Photo: Wikimedia Commons - Public Domain
Sidney Poitier in A Raisin in the Sun
Sidney Poitier in A Raisin in the Sun, 1959, with Louis Gossett, Jr. and Ruby Dee
As a Milwaukee-born Black journalist and devotee of vintage films who has kept the notes of all my significant interviews, my first exposure to black movie actors was, as a callow youth, 1943’s saucy Stormy Weather. It featured wonderful singers and dancers in non-threatening roles. I didn’t see 1939’s Gone With the Wind with Oscar-winning Hattie McDaniel until one of its re-releases years later.
Among the highlights of my long career was my welcome discovery of the late, great serious Sidney Poitier, who just passed last week at 94. This occurred in his sensitive, yet strong role as a young South African minister in 1952’s Cry the Beloved Country. And I remember it like it was only yesterday.
Years ago, I told Poitier that I had been more impressed by his work as an idealistic doctor in 1950’s No Way Out. In it, he had to endure vile, anti-Black epithets by sneering, racist gangster, Richard Widmark.

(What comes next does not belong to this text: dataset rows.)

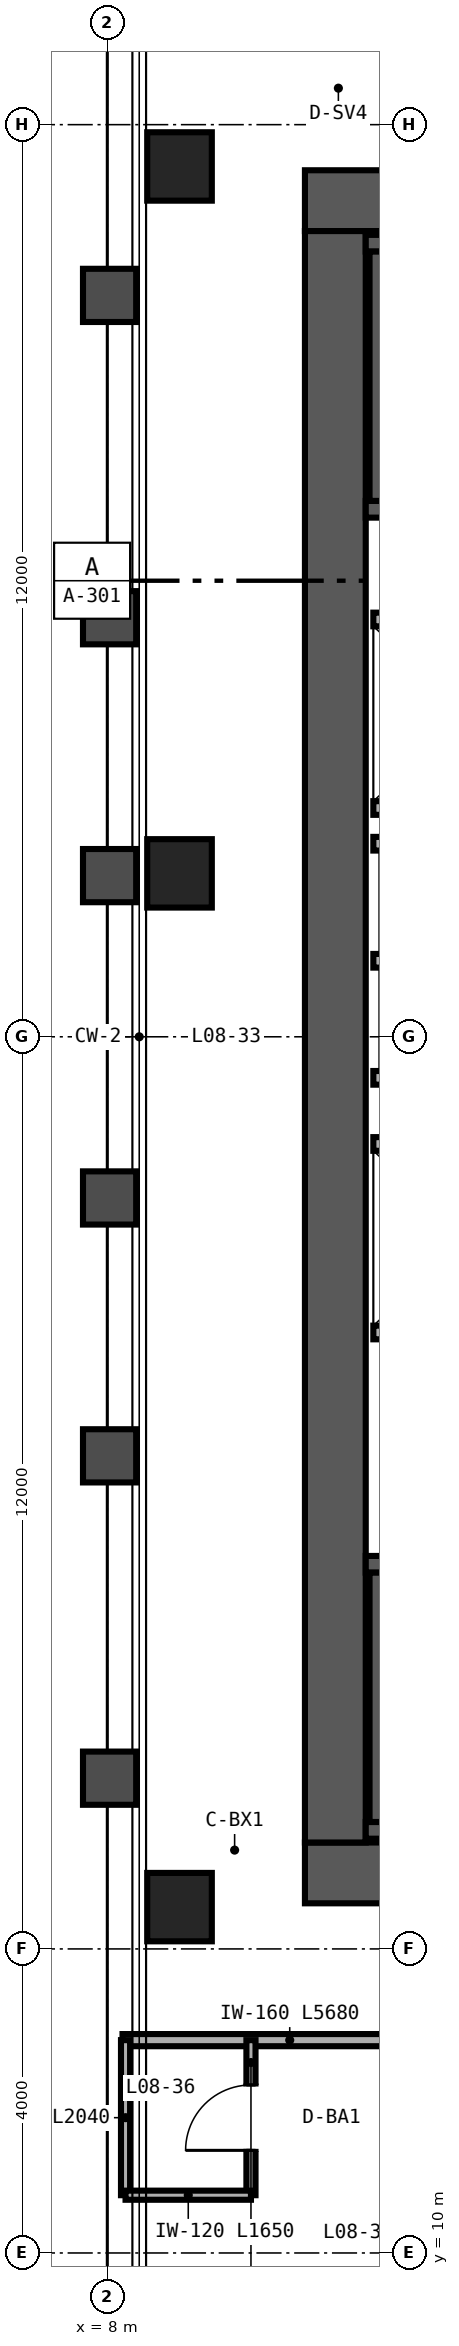
"""IFC4 building model, lengths in metres.
Left out: names, types, materials, properties, quantities, classifications, styles, units other than length and angle.
Written with IfcOpenShell. Run it as: python <this file> out.ifc"""

import sys

from ifc_helpers import new_model, si_unit, direction, frame, frame_2d, origin, origin_2d, place, context, subcontext, project, spatial, rectangle, hollow_rectangle, extrude, source, transform, mapped, element, fill, save


model = new_model("IFC4")
c1 = context("Model", 3, precision=1e-05, world=origin(), true_north=direction((0.0, 1.0)))
c2 = subcontext(c1, "Body", "Model", "MODEL_VIEW")
j1 = project(units=[si_unit("LENGTHUNIT", "METRE"), si_unit("PLANEANGLEUNIT", "RADIAN")], contexts=[c1])
p1 = place(None, origin())
s1 = spatial("IfcSite", under=j1, at=p1, CompositionType="ELEMENT")
p2 = place(p1, origin())
s2 = spatial("IfcBuilding", under=s1, at=p2, CompositionType="ELEMENT")
p3 = place(p2, frame((0.0, 0.0, 38.4)))
s3 = spatial("IfcBuildingStorey", under=s2, at=p3, CompositionType="ELEMENT", Elevation=38.4)
p4 = place(p3, frame((10.6, 15.0, 0.0), z_axis=(0.0, 0.0, 1.0), x_axis=(1.0, 0.0, 0.0)))
e1 = element("IfcWall", 1, at=p4, inside=s3, PredefinedType="SHEAR", context=c2, shape_type="SweptSolid", body=[
    extrude(rectangle(XDim=12.8, YDim=0.8, at=frame_2d((6.4, 0.0))), origin(), (0.0, 0.0, 1.0), 3.35),
])
p5 = place(p4, frame((10.3, 0.0, 0.0)))
e2 = element("IfcOpeningElement", 2, at=p5, cuts=e1, PredefinedType="OPENING", context=c2, shape_type="SweptSolid", body=[
    extrude(rectangle(XDim=1.0, YDim=2.15, at=frame_2d((0.5, 1.075))), frame((0.0, 0.41, 0.0), z_axis=(0.0, -1.0, 0.0), x_axis=(1.0, 0.0, 0.0)), (0.0, 0.0, 1.0), 0.82),
])
p6 = place(p3, frame((10.6, 37.0, 0.0), z_axis=(0.0, 0.0, 1.0), x_axis=(1.0, 0.0, 0.0)))
e3 = element("IfcWall", 3, at=p6, inside=s3, PredefinedType="SHEAR", context=c2, shape_type="SweptSolid", body=[
    extrude(rectangle(XDim=12.8, YDim=0.8, at=frame_2d((6.4, 0.0))), origin(), (0.0, 0.0, 1.0), 3.35),
])
p7 = place(p6, frame((8.98, 0.0, 0.0)))
e4 = element("IfcOpeningElement", 4, at=p7, cuts=e3, PredefinedType="OPENING", context=c2, shape_type="SweptSolid", body=[
    extrude(rectangle(XDim=1.0, YDim=2.15, at=frame_2d((0.5, 1.075))), frame((0.0, 0.41, 0.0), z_axis=(0.0, -1.0, 0.0), x_axis=(1.0, 0.0, 0.0)), (0.0, 0.0, 1.0), 0.82),
])
p8 = place(p3, frame((11.0, 15.4, 0.0), z_axis=(0.0, 0.0, 1.0), x_axis=(0.0, 1.0, 0.0)))
e5 = element("IfcWall", 5, at=p8, inside=s3, PredefinedType="SHEAR", context=c2, shape_type="SweptSolid", body=[
    extrude(rectangle(XDim=21.2, YDim=0.8, at=frame_2d((10.6, 0.0))), origin(), (0.0, 0.0, 1.0), 3.35),
])
p9 = place(p3, frame((11.4, 15.56, 0.0), z_axis=(0.0, 0.0, 1.0), x_axis=(1.0, 0.0, 0.0)))
e6 = element("IfcWall", 6, at=p9, inside=s3, PredefinedType="SHEAR", context=c2, shape_type="SweptSolid", body=[
    extrude(rectangle(XDim=7.91, YDim=0.22, at=frame_2d((3.955, 0.0))), origin(), (0.0, 0.0, 1.0), 3.4),
])
p10 = place(p3, frame((11.4, 19.06, 0.0), z_axis=(0.0, 0.0, 1.0), x_axis=(1.0, 0.0, 0.0)))
e7 = element("IfcWall", 7, at=p10, inside=s3, PredefinedType="SHEAR", context=c2, shape_type="SweptSolid", body=[
    extrude(rectangle(XDim=7.91, YDim=0.22, at=frame_2d((3.955, 0.0))), origin(), (0.0, 0.0, 1.0), 3.4),
])
p11 = place(p10, frame((0.52, 0.0, 0.0)))
e8 = element("IfcOpeningElement", 8, at=p11, cuts=e7, PredefinedType="OPENING", context=c2, shape_type="SweptSolid", body=[
    extrude(rectangle(XDim=1.05, YDim=2.15, at=frame_2d((0.525, 1.075))), frame((0.0, 0.12, 0.0), z_axis=(0.0, -1.0, 0.0), x_axis=(1.0, 0.0, 0.0)), (0.0, 0.0, 1.0), 0.24),
])
p12 = place(p3, frame((11.56, 15.67, 0.0), z_axis=(0.0, 0.0, 1.0), x_axis=(0.0, 1.0, 0.0)))
e9 = element("IfcWall", 9, at=p12, inside=s3, PredefinedType="SHEAR", context=c2, shape_type="SweptSolid", body=[
    extrude(rectangle(XDim=3.28, YDim=0.22, at=frame_2d((1.64, 0.0))), origin(), (0.0, 0.0, 1.0), 3.4),
])
p13 = place(p3, frame((11.4, 32.94, 0.0), z_axis=(0.0, 0.0, 1.0), x_axis=(1.0, 0.0, 0.0)))
e10 = element("IfcWall", 10, at=p13, inside=s3, PredefinedType="SHEAR", context=c2, shape_type="SweptSolid", body=[
    extrude(rectangle(XDim=7.91, YDim=0.22, at=frame_2d((3.955, 0.0))), origin(), (0.0, 0.0, 1.0), 3.4),
])
p14 = place(p13, frame((0.52, 0.0, 0.0)))
e11 = element("IfcOpeningElement", 11, at=p14, cuts=e10, PredefinedType="OPENING", context=c2, shape_type="SweptSolid", body=[
    extrude(rectangle(XDim=1.05, YDim=2.15, at=frame_2d((0.525, 1.075))), frame((0.0, 0.12, 0.0), z_axis=(0.0, -1.0, 0.0), x_axis=(1.0, 0.0, 0.0)), (0.0, 0.0, 1.0), 0.24),
])
p15 = place(p3, frame((11.4, 36.44, 0.0), z_axis=(0.0, 0.0, 1.0), x_axis=(1.0, 0.0, 0.0)))
e12 = element("IfcWall", 12, at=p15, inside=s3, PredefinedType="SHEAR", context=c2, shape_type="SweptSolid", body=[
    extrude(rectangle(XDim=7.91, YDim=0.22, at=frame_2d((3.955, 0.0))), origin(), (0.0, 0.0, 1.0), 3.4),
])
p16 = place(p3, frame((11.56, 33.05, 0.0), z_axis=(0.0, 0.0, 1.0), x_axis=(0.0, 1.0, 0.0)))
e13 = element("IfcWall", 13, at=p16, inside=s3, PredefinedType="SHEAR", context=c2, shape_type="SweptSolid", body=[
    extrude(rectangle(XDim=3.28, YDim=0.22, at=frame_2d((1.64, 0.0))), origin(), (0.0, 0.0, 1.0), 3.4),
])
m1 = source(origin(), c2, "Body", "SweptSolid", [
    extrude(hollow_rectangle(XDim=0.85, YDim=0.9, WallThickness=0.04, at=origin_2d()), origin(), (0.0, 0.0, 1.0), 3.35),
])
for number, where, z_axis, x_axis in (
    (14, (8.95, 14.55, 0.0), (0.0, 0.0, 1.0), (1.0, 0.0, 0.0)),
    (15, (8.95, 28.15, 0.0), (0.0, 0.0, 1.0), (1.0, 0.0, 0.0)),
    (16, (8.95, 37.45, 0.0), (0.0, 0.0, 1.0), (1.0, 0.0, 0.0)),
):
    element("IfcColumn", number, at=place(p3, frame(where, z_axis=z_axis, x_axis=x_axis)), inside=s3, PredefinedType="COLUMN", context=c2, shape_type="MappedRepresentation", body=[
        mapped(m1, transform((0.0, 0.0, 0.0), scale=1.0)),
    ])
for number, where, z_axis, x_axis in (
    (17, (11.5, 22.11, 0.0), (0.0, 0.0, 1.0), (1.0, 0.0, 0.0)),
    (18, (11.5, 24.59, 0.0), (0.0, 0.0, 1.0), (1.0, 0.0, 0.0)),
    (19, (11.5, 29.01, 0.0), (0.0, 0.0, 1.0), (1.0, 0.0, 0.0)),
    (20, (11.5, 31.49, 0.0), (0.0, 0.0, 1.0), (1.0, 0.0, 0.0)),
):
    element("IfcWall", number, at=place(p3, frame(where, z_axis=z_axis, x_axis=x_axis)), inside=s3, PredefinedType="SOLIDWALL", context=c2, shape_type="SweptSolid", body=[
        extrude(rectangle(XDim=2.5, YDim=0.18, at=frame_2d((1.25, 0.0))), origin(), (0.0, 0.0, 1.0), 3.35),
    ])
for number, where, z_axis, x_axis in (
    (21, (11.5, 25.46, 0.0), (0.0, 0.0, 1.0), (1.0, 0.0, 0.0)),
    (22, (11.5, 27.0, 0.0), (0.0, 0.0, 1.0), (1.0, 0.0, 0.0)),
    (23, (11.5, 28.54, 0.0), (0.0, 0.0, 1.0), (1.0, 0.0, 0.0)),
):
    element("IfcWall", number, at=place(p3, frame(where, z_axis=z_axis, x_axis=x_axis)), inside=s3, PredefinedType="SOLIDWALL", context=c2, shape_type="SweptSolid", body=[
        extrude(rectangle(XDim=2.51, YDim=0.18, at=frame_2d((1.255, 0.0))), origin(), (0.0, 0.0, 1.0), 3.35),
    ])
p17 = place(p3, frame((8.2, 12.8, 0.0), z_axis=(0.0, 0.0, 1.0), x_axis=(1.0, 0.0, 0.0)))
e24 = element("IfcWall", 24, at=p17, inside=s3, PredefinedType="PARTITIONING", context=c2, shape_type="SweptSolid", body=[
    extrude(rectangle(XDim=5.68, YDim=0.16, at=frame_2d((2.84, 0.0))), origin(), (0.0, 0.0, 1.0), 3.35),
])
p18 = place(p17, frame((4.4, 0.0, 0.0)))
e25 = element("IfcOpeningElement", 25, at=p18, cuts=e24, PredefinedType="OPENING", context=c2, shape_type="SweptSolid", body=[
    extrude(rectangle(XDim=0.94, YDim=2.15, at=frame_2d((0.47, 1.075))), frame((0.0, 0.09, 0.0), z_axis=(0.0, -1.0, 0.0), x_axis=(1.0, 0.0, 0.0)), (0.0, 0.0, 1.0), 0.18),
])
p19 = place(p3, frame((9.89, 10.76, 0.0), z_axis=(0.0, 0.0, 1.0), x_axis=(0.0, 1.0, 0.0)))
e26 = element("IfcWall", 26, at=p19, inside=s3, PredefinedType="PARTITIONING", context=c2, shape_type="SweptSolid", body=[
    extrude(rectangle(XDim=2.04, YDim=0.12, at=frame_2d((1.02, 0.0))), origin(), (0.0, 0.0, 1.0), 3.35),
])
p20 = place(p19, frame((0.59, 0.0, 0.0)))
e27 = element("IfcOpeningElement", 27, at=p20, cuts=e26, PredefinedType="OPENING", context=c2, shape_type="SweptSolid", body=[
    extrude(rectangle(XDim=0.86, YDim=2.1, at=frame_2d((0.43, 1.05))), frame((0.0, 0.07, 0.0), z_axis=(0.0, -1.0, 0.0), x_axis=(1.0, 0.0, 0.0)), (0.0, 0.0, 1.0), 0.14),
])
p21 = place(p3, frame((8.24, 10.76, 0.0), z_axis=(0.0, 0.0, 1.0), x_axis=(0.0, 1.0, 0.0)))
e28 = element("IfcWall", 28, at=p21, inside=s3, PredefinedType="PARTITIONING", context=c2, shape_type="SweptSolid", body=[
    extrude(rectangle(XDim=2.04, YDim=0.12, at=frame_2d((1.02, 0.0))), origin(), (0.0, 0.0, 1.0), 3.35),
])
p22 = place(p3, frame((8.24, 10.76, 0.0), z_axis=(0.0, 0.0, 1.0), x_axis=(1.0, 0.0, 0.0)))
e29 = element("IfcWall", 29, at=p22, inside=s3, PredefinedType="PARTITIONING", context=c2, shape_type="SweptSolid", body=[
    extrude(rectangle(XDim=1.65, YDim=0.12, at=frame_2d((0.825, 0.0))), origin(), (0.0, 0.0, 1.0), 3.35),
])
m2 = source(origin(), c2, "Body", "SweptSolid", [
    extrude(rectangle(XDim=0.86, YDim=2.1, at=frame_2d((0.43, 1.05))), frame((0.0, 0.025, 0.0), z_axis=(0.0, -1.0, 0.0), x_axis=(1.0, 0.0, 0.0)), (0.0, 0.0, 1.0), 0.05),
])
p23 = place(p20, origin())
e30 = element("IfcDoor", 30, at=p23, inside=s3, OperationType="SINGLE_SWING_LEFT", PredefinedType="DOOR", context=c2, shape_type="MappedRepresentation", body=[
    mapped(m2, transform((0.0, 0.0, 0.0), scale=1.0)),
])
fill(e27, e30)
save(model, sys.argv[1])

“How did you feel about that?” I asked him, during our up-close-and personal 1963 Milwaukee Star interview, following his appearance at the Strand Theater on West Wisconsin Avenue at the local premier of Lilies of the Field, for which he won an Academy Award.
“Widmark was a great actor and a really nice guy, and no way was he racist,” he told me. “In fact, Widmark apologized to me, during a break in the shooting. I told him to forget it, we were only acting.” I then said that although I loved his work in Lilies, I much preferred him in tougher roles—provoking a smile.
In 1988, during our New York Daily News interview in a hotel, I said my fave role for him was in 1965’s taut, Cold War drama, The Bedford Incident. In it, he played a noted magazine writer, again co-starring with Widmark. His reply: “Why do you like that so much? Most people who interview me say they prefer The Defiant Ones.”
“Sure, you were great in that one,” I said, “and so was Tony Curtis. “You got that right,” said Poitier, commenting on the 1958 breakthrough, black-white buddy movie. “Tony was a very underrated actor.”
“But as a black journalist who has struggled to make it,” I continued, “I think I identified with your journalist role in The Bedford Incident and, especially, how you pressed Widmark—the pro-war captain of a nuclear navy vessel. You really took it to him.”
Long Memory
“Thanks, man,” he said. “And by the way, I do remember you from Milwaukee in 1963. I got a long memory.”
Before ending, I mentioned that I’d recently run into his pal and frequent co-star, Harry Belafonte, walking along Madison Avenue. “He looked great, and so do you.”
In concluding, I said: “By the way, I still wonder why, at 28, you played a teenage high-school student in 1955’s Blackboard Jungle.”
“So do I,” he laughed.
Rest in peace, Sidney. You were the best.